4000 * 400,000 = 1.6 GB if you're hard drive isn't an SSD you're likely getting ~100 MB/s sequential read. That's 16 seconds just in I/O.
Since you don't elaborate on the specific code your using or how you need to parse these files (do you need to read it line by line, does the system have a lot of RAM could you read the whole file into a large RAM buffer and then parse it?) There's little you can do to speed up the process.
Memory mapped files won't offer any performance improvement when reading a file sequentially. Perhaps manually parsing large chunks for new lines rather than using "getline" would offer an improvement.
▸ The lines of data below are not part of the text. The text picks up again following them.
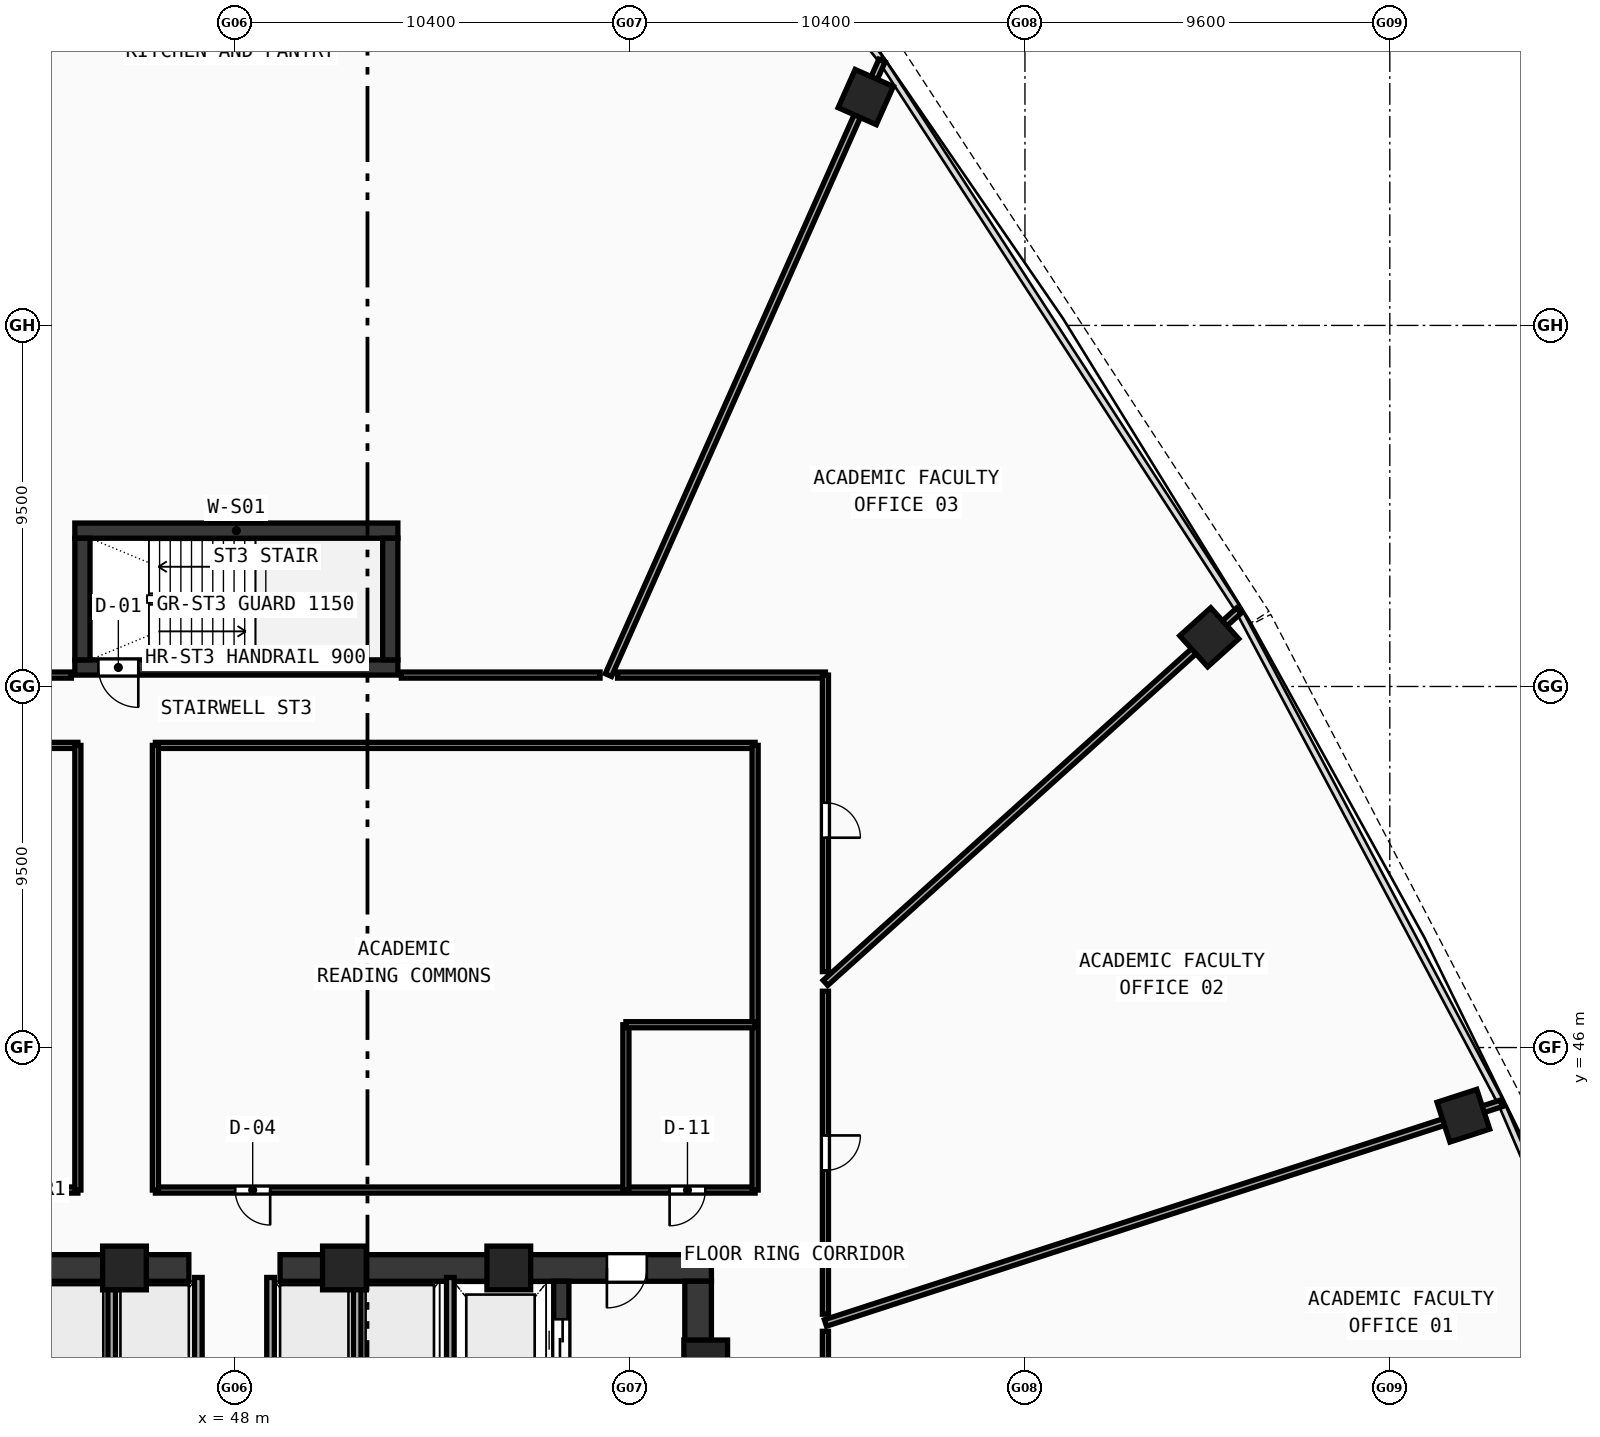
"""IFC4 building model, lengths in metres.
Left out: names, types, materials, properties, quantities, classifications, styles, units other than length and angle.
Written with IfcOpenShell. Run it as: python <this file> out.ifc"""

import sys

from ifc_helpers import new_model, si_unit, direction, frame, frame_2d, origin, origin_with_axes, origin_2d, place, context, subcontext, project, spatial, rectangle, hollow_rectangle, extrude, source, transform, mapped, element, fill, save


model = new_model("IFC4")
c1 = context("Model", 3, precision=1e-05, world=origin(), true_north=direction((0.0, 1.0)))
c2 = subcontext(c1, "Body", "Model", "MODEL_VIEW")
j1 = project(units=[si_unit("LENGTHUNIT", "METRE"), si_unit("PLANEANGLEUNIT", "RADIAN")], contexts=[c1])
p1 = place(None, origin())
s1 = spatial("IfcSite", under=j1, at=p1, CompositionType="ELEMENT")
p2 = place(p1, origin())
s2 = spatial("IfcBuilding", under=s1, at=p2, CompositionType="ELEMENT")
p3 = place(p2, frame((0.0, 0.0, 63.07)))
s3 = spatial("IfcBuildingStorey", under=s2, at=p3, CompositionType="ELEMENT", Elevation=63.07)
p4 = place(p3, frame((35.45, 40.2, 0.0), z_axis=(0.0, 0.0, 1.0), x_axis=(1.0, 0.0, 0.0)))
e1 = element("IfcWall", 1, at=p4, inside=s3, PredefinedType="SHEAR", context=c2, shape_type="SweptSolid", body=[
    extrude(rectangle(XDim=11.35, YDim=0.7, at=frame_2d((5.675, 0.0))), origin(), (0.0, 0.0, 1.0), 3.37),
])
p5 = place(p4, frame((1.7, 0.0, 0.0)))
e2 = element("IfcOpeningElement", 2, at=p5, cuts=e1, PredefinedType="OPENING", context=c2, shape_type="SweptSolid", body=[
    extrude(rectangle(XDim=1.05, YDim=2.1, at=frame_2d((0.525, 1.05))), frame((0.0, 0.36, 0.0), z_axis=(0.0, -1.0, 0.0), x_axis=(1.0, 0.0, 0.0)), (0.0, 0.0, 1.0), 0.72),
])
p6 = place(p3, frame((49.2, 40.2, 0.0), z_axis=(0.0, 0.0, 1.0), x_axis=(1.0, 0.0, 0.0)))
e3 = element("IfcWall", 3, at=p6, inside=s3, PredefinedType="SHEAR", context=c2, shape_type="SweptSolid", body=[
    extrude(rectangle(XDim=11.35, YDim=0.7, at=frame_2d((5.675, 0.0))), origin(), (0.0, 0.0, 1.0), 3.37),
])
p7 = place(p6, frame((8.6, 0.0, 0.0)))
e4 = element("IfcOpeningElement", 4, at=p7, cuts=e3, PredefinedType="OPENING", context=c2, shape_type="SweptSolid", body=[
    extrude(rectangle(XDim=1.05, YDim=2.1, at=frame_2d((0.525, 1.05))), frame((0.0, 0.36, 0.0), z_axis=(0.0, -1.0, 0.0), x_axis=(1.0, 0.0, 0.0)), (0.0, 0.0, 1.0), 0.72),
])
p8 = place(p3, frame((60.2, 27.85, 0.0), z_axis=(0.0, 0.0, 1.0), x_axis=(0.0, 1.0, 0.0)))
e5 = element("IfcWall", 5, at=p8, inside=s3, PredefinedType="SHEAR", context=c2, shape_type="SweptSolid", body=[
    extrude(rectangle(XDim=12.0, YDim=0.7, at=frame_2d((6.0, 0.0))), origin(), (0.0, 0.0, 1.0), 3.37),
])
p9 = place(p3, frame((56.6, 27.85, 0.0), z_axis=(0.0, 0.0, 1.0), x_axis=(0.0, 1.0, 0.0)))
e6 = element("IfcWall", 6, at=p9, inside=s3, PredefinedType="SHEAR", context=c2, shape_type="SweptSolid", body=[
    extrude(rectangle(XDim=12.0, YDim=0.4, at=frame_2d((6.0, 0.0))), origin(), (0.0, 0.0, 1.0), 3.37),
])
p10 = place(p9, frame((9.9, 0.0, 0.0)))
e7 = element("IfcOpeningElement", 7, at=p10, cuts=e6, PredefinedType="OPENING", context=c2, shape_type="SweptSolid", body=[
    extrude(rectangle(XDim=1.1, YDim=2.1, at=frame_2d((0.55, 1.05))), frame((0.0, 0.21, 0.0), z_axis=(0.0, -1.0, 0.0), x_axis=(1.0, 0.0, 0.0)), (0.0, 0.0, 1.0), 0.42),
])
p11 = place(p3, frame((43.8, 59.6, 0.0), z_axis=(0.0, 0.0, 1.0), x_axis=(1.0, 0.0, 0.0)))
e8 = element("IfcWall", 8, at=p11, inside=s3, PredefinedType="SHEAR", context=c2, shape_type="SweptSolid", body=[
    extrude(rectangle(XDim=8.5, YDim=0.4, at=frame_2d((4.25, 0.0))), origin(), (0.0, 0.0, 1.0), 3.37),
])
p12 = place(p3, frame((43.8, 56.0, 0.0), z_axis=(0.0, 0.0, 1.0), x_axis=(1.0, 0.0, 0.0)))
e9 = element("IfcWall", 9, at=p12, inside=s3, PredefinedType="SHEAR", context=c2, shape_type="SweptSolid", body=[
    extrude(rectangle(XDim=8.5, YDim=0.4, at=frame_2d((4.25, 0.0))), origin(), (0.0, 0.0, 1.0), 3.37),
])
p13 = place(p12, frame((0.62, 0.0, 0.0)))
e10 = element("IfcOpeningElement", 10, at=p13, cuts=e9, PredefinedType="OPENING", context=c2, shape_type="SweptSolid", body=[
    extrude(rectangle(XDim=1.05, YDim=2.1, at=frame_2d((0.525, 1.05))), frame((0.0, 0.21, 0.0), z_axis=(0.0, -1.0, 0.0), x_axis=(1.0, 0.0, 0.0)), (0.0, 0.0, 1.0), 0.42),
])
for number, where, z_axis, x_axis in (
    (11, (44.0, 56.2, 0.0), (0.0, 0.0, 1.0), (0.0, 1.0, 0.0)),
    (12, (52.1, 56.2, 0.0), (0.0, 0.0, 1.0), (0.0, 1.0, 0.0)),
):
    element("IfcWall", number, at=place(p3, frame(where, z_axis=z_axis, x_axis=x_axis)), inside=s3, PredefinedType="SHEAR", context=c2, shape_type="SweptSolid", body=[
        extrude(rectangle(XDim=3.2, YDim=0.4, at=frame_2d((1.6, 0.0))), origin(), (0.0, 0.0, 1.0), 3.37),
    ])
m1 = source(origin(), c2, "Body", "SweptSolid", [
    extrude(hollow_rectangle(XDim=1.15, YDim=1.15, WallThickness=0.048, at=origin_2d()), origin(), (0.0, 0.0, 1.0), 3.63),
])
for number, where, z_axis, x_axis in (
    (13, (60.4, 37.729, -0.26), (0.0, 0.0, 1.0), (1.0, 0.0, 0.0)),
    (14, (55.219, 40.2, -0.26), (0.0, 0.0, 1.0), (1.0, 0.0, 0.0)),
    (15, (50.894, 40.2, -0.26), (0.0, 0.0, 1.0), (1.0, 0.0, 0.0)),
    (16, (45.106, 40.2, -0.26), (0.0, 0.0, 1.0), (1.0, 0.0, 0.0)),
):
    element("IfcColumn", number, at=place(p3, frame(where, z_axis=z_axis, x_axis=x_axis)), inside=s3, PredefinedType="COLUMN", context=c2, shape_type="MappedRepresentation", body=[
        mapped(m1, transform((0.0, 0.0, 0.0), scale=1.0)),
    ])
m2 = source(origin(), c2, "Body", "SweptSolid", [
    extrude(hollow_rectangle(XDim=1.1, YDim=1.1, WallThickness=0.045, at=origin_2d()), origin(), (0.0, 0.0, 1.0), 3.63),
])
for number, where, z_axis, x_axis in (
    (17, (80.335, 44.206, -0.26), (0.0, 0.0, 1.0), (-0.309, 0.951, 0.0)),
    (18, (73.649, 56.794, -0.26), (0.0, 0.0, 1.0), (-0.669, 0.743, 0.0)),
    (19, (64.611, 71.009, -0.26), (0.0, 0.0, 1.0), (-0.914, 0.407, 0.0)),
):
    element("IfcColumn", number, at=place(p3, frame(where, z_axis=z_axis, x_axis=x_axis)), inside=s3, PredefinedType="COLUMN", context=c2, shape_type="MappedRepresentation", body=[
        mapped(m2, transform((0.0, 0.0, 0.0), scale=1.0)),
    ])
p14 = place(p3, frame((53.68, 36.65, 0.0), z_axis=(0.0, 0.0, 1.0), x_axis=(0.0, 1.0, 0.0)))
e20 = element("IfcWall", 20, at=p14, inside=s3, PredefinedType="SOLIDWALL", context=c2, shape_type="SweptSolid", body=[
    extrude(rectangle(XDim=3.3, YDim=0.2, at=frame_2d((1.65, 0.0))), origin(), (0.0, 0.0, 1.0), 3.37),
])
for number, where, z_axis, x_axis in (
    (21, (47.05, 37.32, 0.0), (0.0, 0.0, 1.0), (0.0, 1.0, 0.0)),
    (22, (48.95, 37.32, 0.0), (0.0, 0.0, 1.0), (0.0, 1.0, 0.0)),
    (23, (44.77, 37.32, 0.0), (0.0, 0.0, 1.0), (0.0, 1.0, 0.0)),
    (24, (51.23, 37.32, 0.0), (0.0, 0.0, 1.0), (0.0, 1.0, 0.0)),
):
    element("IfcWall", number, at=place(p3, frame(where, z_axis=z_axis, x_axis=x_axis)), inside=s3, PredefinedType="SOLIDWALL", context=c2, shape_type="SweptSolid", body=[
        extrude(rectangle(XDim=2.63, YDim=0.2, at=frame_2d((1.315, 0.0))), origin(), (0.0, 0.0, 1.0), 3.37),
    ])
p15 = place(p3, frame((34.95, 42.25, 0.0), z_axis=(0.0, 0.0, 1.0), x_axis=(1.0, 0.0, 0.0)))
e25 = element("IfcWall", 25, at=p15, inside=s3, PredefinedType="PARTITIONING", context=c2, shape_type="SweptSolid", body=[
    extrude(rectangle(XDim=8.93, YDim=0.16, at=frame_2d((4.465, 0.0))), origin(), (0.0, 0.0, 1.0), 2.67),
])
p16 = place(p15, frame((1.15, 0.0, 0.0)))
e26 = element("IfcOpeningElement", 26, at=p16, cuts=e25, PredefinedType="OPENING", context=c2, shape_type="SweptSolid", body=[
    extrude(rectangle(XDim=0.92, YDim=2.1, at=frame_2d((0.46, 1.05))), frame((0.0, 0.09, 0.0), z_axis=(0.0, -1.0, 0.0), x_axis=(1.0, 0.0, 0.0)), (0.0, 0.0, 1.0), 0.18),
])
p17 = place(p15, frame((4.65, 0.0, 0.0)))
e27 = element("IfcOpeningElement", 27, at=p17, cuts=e25, PredefinedType="OPENING", context=c2, shape_type="SweptSolid", body=[
    extrude(rectangle(XDim=0.92, YDim=2.1, at=frame_2d((0.46, 1.05))), frame((0.0, 0.09, 0.0), z_axis=(0.0, -1.0, 0.0), x_axis=(1.0, 0.0, 0.0)), (0.0, 0.0, 1.0), 0.18),
])
p18 = place(p3, frame((34.95, 53.95, 0.0), z_axis=(0.0, 0.0, 1.0), x_axis=(1.0, 0.0, 0.0)))
e28 = element("IfcWall", 28, at=p18, inside=s3, PredefinedType="PARTITIONING", context=c2, shape_type="SweptSolid", body=[
    extrude(rectangle(XDim=8.93, YDim=0.16, at=frame_2d((4.465, 0.0))), origin(), (0.0, 0.0, 1.0), 2.67),
])
p19 = place(p3, frame((43.88, 42.25, 0.0), z_axis=(0.0, 0.0, 1.0), x_axis=(0.0, 1.0, 0.0)))
e29 = element("IfcWall", 29, at=p19, inside=s3, PredefinedType="PARTITIONING", context=c2, shape_type="SweptSolid", body=[
    extrude(rectangle(XDim=11.7, YDim=0.16, at=frame_2d((5.85, 0.0))), origin(), (0.0, 0.0, 1.0), 2.67),
])
p20 = place(p3, frame((45.92, 42.25, 0.0), z_axis=(0.0, 0.0, 1.0), x_axis=(1.0, 0.0, 0.0)))
e30 = element("IfcWall", 30, at=p20, inside=s3, PredefinedType="PARTITIONING", context=c2, shape_type="SweptSolid", body=[
    extrude(rectangle(XDim=15.78, YDim=0.16, at=frame_2d((7.89, 0.0))), origin(), (0.0, 0.0, 1.0), 2.67),
])
p21 = place(p20, frame((2.1, 0.0, 0.0)))
e31 = element("IfcOpeningElement", 31, at=p21, cuts=e30, PredefinedType="OPENING", context=c2, shape_type="SweptSolid", body=[
    extrude(rectangle(XDim=0.92, YDim=2.1, at=frame_2d((0.46, 1.05))), frame((0.0, 0.09, 0.0), z_axis=(0.0, -1.0, 0.0), x_axis=(1.0, 0.0, 0.0)), (0.0, 0.0, 1.0), 0.18),
])
p22 = place(p20, frame((13.53, 0.0, 0.0)))
e32 = element("IfcOpeningElement", 32, at=p22, cuts=e30, PredefinedType="OPENING", context=c2, shape_type="SweptSolid", body=[
    extrude(rectangle(XDim=0.94, YDim=2.1, at=frame_2d((0.47, 1.05))), frame((0.0, 0.09, 0.0), z_axis=(0.0, -1.0, 0.0), x_axis=(1.0, 0.0, 0.0)), (0.0, 0.0, 1.0), 0.18),
])
p23 = place(p3, frame((45.92, 53.95, 0.0), z_axis=(0.0, 0.0, 1.0), x_axis=(1.0, 0.0, 0.0)))
e33 = element("IfcWall", 33, at=p23, inside=s3, PredefinedType="PARTITIONING", context=c2, shape_type="SweptSolid", body=[
    extrude(rectangle(XDim=15.78, YDim=0.16, at=frame_2d((7.89, 0.0))), origin(), (0.0, 0.0, 1.0), 2.67),
])
p24 = place(p3, frame((45.92, 42.25, 0.0), z_axis=(0.0, 0.0, 1.0), x_axis=(0.0, 1.0, 0.0)))
e34 = element("IfcWall", 34, at=p24, inside=s3, PredefinedType="PARTITIONING", context=c2, shape_type="SweptSolid", body=[
    extrude(rectangle(XDim=11.7, YDim=0.16, at=frame_2d((5.85, 0.0))), origin(), (0.0, 0.0, 1.0), 2.97),
])
p25 = place(p3, frame((61.7, 42.25, 0.0), z_axis=(0.0, 0.0, 1.0), x_axis=(0.0, 1.0, 0.0)))
e35 = element("IfcWall", 35, at=p25, inside=s3, PredefinedType="PARTITIONING", context=c2, shape_type="SweptSolid", body=[
    extrude(rectangle(XDim=11.7, YDim=0.16, at=frame_2d((5.85, 0.0))), origin(), (0.0, 0.0, 1.0), 2.67),
])
p26 = place(p3, frame((58.3, 42.25, 0.0), z_axis=(0.0, 0.0, 1.0), x_axis=(0.0, 1.0, 0.0)))
e36 = element("IfcWall", 36, at=p26, inside=s3, PredefinedType="PARTITIONING", context=c2, shape_type="SweptSolid", body=[
    extrude(rectangle(XDim=4.35, YDim=0.16, at=frame_2d((2.175, 0.0))), origin(), (0.0, 0.0, 1.0), 2.67),
])
p27 = place(p3, frame((58.3, 46.6, 0.0), z_axis=(0.0, 0.0, 1.0), x_axis=(1.0, 0.0, 0.0)))
e37 = element("IfcWall", 37, at=p27, inside=s3, PredefinedType="PARTITIONING", context=c2, shape_type="SweptSolid", body=[
    extrude(rectangle(XDim=3.4, YDim=0.16, at=frame_2d((1.7, 0.0))), origin(), (0.0, 0.0, 1.0), 2.97),
])
p28 = place(p3, frame((63.55, 38.752, 0.0), z_axis=(0.0, 0.0, 1.0), x_axis=(0.951053160417, 0.309027322514, 0.0)))
e38 = element("IfcWall", 38, at=p28, inside=s3, PredefinedType="PARTITIONING", context=c2, shape_type="SweptSolid", body=[
    extrude(rectangle(XDim=18.699, YDim=0.18, at=frame_2d((9.35, 0.0))), origin(), (0.0, 0.0, 1.0), 2.67),
])
p29 = place(p3, frame((63.55, 47.701, 0.0), z_axis=(0.0, 0.0, 1.0), x_axis=(0.743144860423, 0.669130567547, 0.0)))
e39 = element("IfcWall", 39, at=p29, inside=s3, PredefinedType="PARTITIONING", context=c2, shape_type="SweptSolid", body=[
    extrude(rectangle(XDim=14.639, YDim=0.18, at=frame_2d((7.319, 0.0))), origin(), (0.0, 0.0, 1.0), 2.67),
])
p30 = place(p3, frame((57.84, 55.8, 0.0), z_axis=(0.0, 0.0, 1.0), x_axis=(0.406732277088, 0.913547401493, 0.0)))
e40 = element("IfcWall", 40, at=p30, inside=s3, PredefinedType="PARTITIONING", context=c2, shape_type="SweptSolid", body=[
    extrude(rectangle(XDim=17.698, YDim=0.18, at=frame_2d((8.849, 0.0))), origin(), (0.0, 0.0, 1.0), 2.67),
])
p31 = place(p3, frame((33.1, 55.8, 0.0), z_axis=(0.0, 0.0, 1.0), x_axis=(1.0, 0.0, 0.0)))
e41 = element("IfcWall", 41, at=p31, inside=s3, PredefinedType="PARTITIONING", context=c2, shape_type="SweptSolid", body=[
    extrude(rectangle(XDim=10.609, YDim=0.16, at=frame_2d((5.304, 0.0))), origin(), (0.0, 0.0, 1.0), 2.67),
])
p32 = place(p31, frame((4.635, 0.0, 0.0)))
e42 = element("IfcOpeningElement", 42, at=p32, cuts=e41, PredefinedType="OPENING", context=c2, shape_type="SweptSolid", body=[
    extrude(rectangle(XDim=0.95, YDim=2.1, at=frame_2d((0.475, 1.05))), frame((0.0, 0.09, 0.0), z_axis=(0.0, -1.0, 0.0), x_axis=(1.0, 0.0, 0.0)), (0.0, 0.0, 1.0), 0.18),
])
p33 = place(p3, frame((52.391, 55.8, 0.0), z_axis=(0.0, 0.0, 1.0), x_axis=(1.0, 0.0, 0.0)))
e43 = element("IfcWall", 43, at=p33, inside=s3, PredefinedType="PARTITIONING", context=c2, shape_type="SweptSolid", body=[
    extrude(rectangle(XDim=5.229, YDim=0.16, at=frame_2d((2.614, 0.0))), origin(), (0.0, 0.0, 1.0), 2.67),
])
p34 = place(p3, frame((58.08, 55.8, 0.0), z_axis=(0.0, 0.0, 1.0), x_axis=(1.0, 0.0, 0.0)))
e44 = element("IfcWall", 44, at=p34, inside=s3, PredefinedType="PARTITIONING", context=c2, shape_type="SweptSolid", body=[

EDIT After doing some learning (thanks #sehe). Here's the memory mapped solution I would likely use.
#include <stdio.h>
#include <stdlib.h>
#include <fcntl.h>
#include <unistd.h>
#include <sys/types.h>
#include <sys/mman.h>
#include <sys/stat.h>
#include <errno.h>
int main() {
char* fName = "big.txt";
//
struct stat sb;
long cntr = 0;
int fd, lineLen;
char *data;
char *line;
// map the file
fd = open(fName, O_RDONLY);
fstat(fd, &sb);
//// int pageSize;
//// pageSize = getpagesize();
//// data = mmap((caddr_t)0, pageSize, PROT_READ, MAP_PRIVATE, fd, pageSize);
data = mmap((caddr_t)0, sb.st_size, PROT_READ, MAP_PRIVATE, fd, 0);
line = data;
// get lines
while(cntr < sb.st_size) {
lineLen = 0;
line = data;
// find the next line
while(*data != '\n' && cntr < sb.st_size) {
data++;
cntr++;
lineLen++;
}
/***** PROCESS LINE *****/
// ... processLine(line, lineLen);
}
return 0;
}
Neil Kirk, unfortunately I can not reply to your comment (not enough reputation) but I did a performance test on ifstream an stringstream and the performance, reading a text file line by line, is exactly the same.
std::stringstream stream;
std::string line;
while(std::getline(stream, line)) {
}
This takes 1426ms on a 106MB file.
std::ifstream stream;
std::string line;
while(ifstream.good()) {
getline(stream, line);
}
This takes 1433ms on the same file.
The following code is faster instead:
const int MAX_LENGTH = 524288;
char* line = new char[MAX_LENGTH];
while (iStream.getline(line, MAX_LENGTH) && strlen(line) > 0) {
}
This takes 884ms on the same file.
It is just a little tricky since you have to set the maximum size of your buffer (i.e. maximum length for each line in the input file).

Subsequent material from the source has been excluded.